Allegations of underage sex taint Alaska corruption probe

Richard Mauer - Anchorage Daily News

December 13, 2009 11:05 AM

Anchorage resident Lisa Moore says she traded sex with then-Veco boss Bill Allen in 1996 for an apartment, money and jewelry. He was 59; she was 19.

She also says she introduced him to a 15-year-old girl who became his sex partner.

But the next year, an ex-boyfriend of Moore's got into legal trouble and threatened to blow the whistle on Allen's relationship with Moore and other teens, including the 15-year-old, Moore said, triggering a string of alleged cover-ups that now threaten to undermine the Alaska political corruption investigation.

Allen's conduct with that underage girl and at least one other has been the subject of an active Anchorage police investigation since 2008. That inquiry developed more urgency last spring when a prosecutor with the Justice Department's Child Exploitation and Obscenity Section joined local detectives in the case and began traveling to Anchorage to interview witnesses, including a visit just last week.

But long before the authorities got involved, Allen reportedly went to great lengths to keep his sexual activities secret. When Moore told Allen she expected to be called as a witness at her ex-boyfriend's trial and forced to reveal Allen's seamy and possibly criminal private life, Allen immediately sent her, her brother and her fiance on the lam to California to prevent her from being subpoenaed, Moore told an Anchorage police detective and elaborated in recent interviews with the Daily News.

That trip, characterized as a "potential obstruction of justice" when first made public in a federal court filing last month, are among the issues cited by former state House Speaker Pete Kott in his effort to throw out his conviction on corruption charges. Allen was a key witness in Kott's case, but Kott's lawyers weren't told by prosecutors about the California trip, which could have undermined Allen's credibility under cross-examination by a defense attorney.

Kott's lawyer has also said Allen's credibility could have been challenged by other allegations that were known by the government at the time of Kott's trial but only recently revealed to the defense. Among them: new details about assertions by the underaged girl, Bambi Tyree, now 28, that she lied under oath about her relationship with Allen at Allen's request, and that Moore was asked by Allen's attorney to swear that Allen did not have sex with Tyree when she was 15, even though she said she observed it.

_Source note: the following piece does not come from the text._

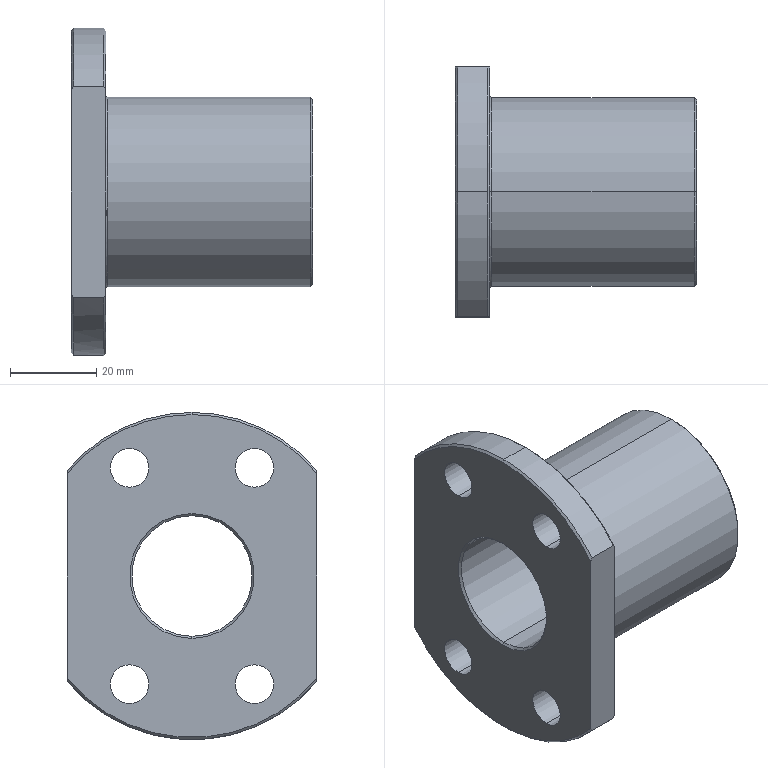Component | SolidWorks | TC020.05-05-1 | 1 solid | 34 faces | volume 67852 mm3 | cylinder 15 | cone 12 | plane 5 | spline 2 | commonest cylinder face diameters 9 x8 76 x3 28 x2 44 x2 | material H68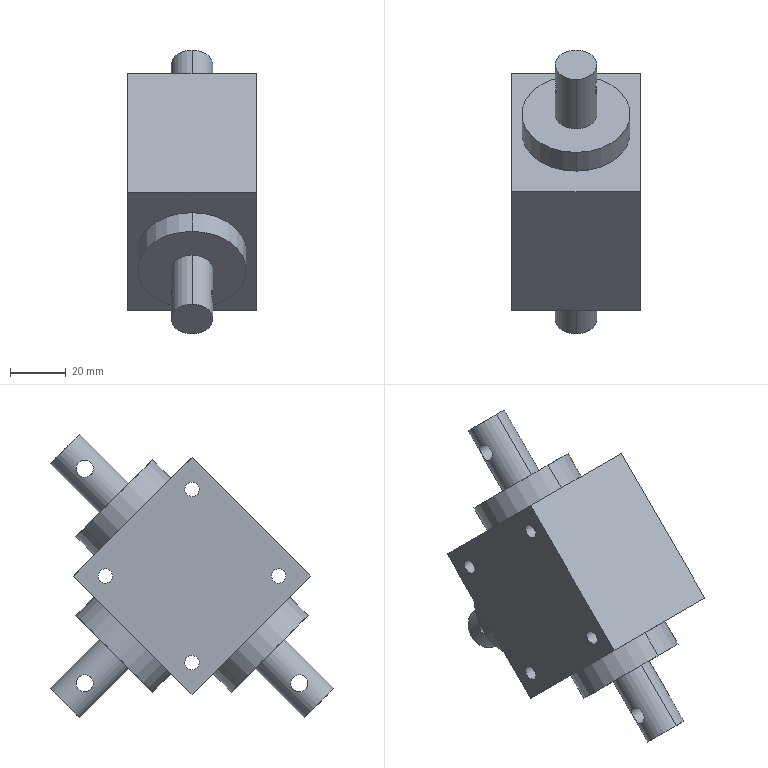Component | SolidWorks | AssemblyDriveAxis-1_1520F-T-1 | 1 solid | 50 faces | volume 205325 mm3 | cylinder 34 | plane 16 | commonest cylinder face diameters 5.2 x8 11 x8 15 x6 6.2 x6 39 x4 39.008 x2

Allen has told FBI agents he never asked anyone to lie under oath or tried to hide witnesses to avoid subpoenas. Messages left with his attorney in Anchorage this week weren't returned.

Allen, after pleading guilty in 2007 to bribery and other corruption charges, was also the key witness in the trials of former state Rep. Vic Kohring and U.S. Sen. Ted Stevens. Stevens' charges were thrown out in April after his conviction. Kott and Kohring are saying they were likewise unfairly tried, and have been released from prison while their cases are sorted out. All said that prosecutors failed to provide them with discrediting information they knew about Allen and other witnesses as required by law.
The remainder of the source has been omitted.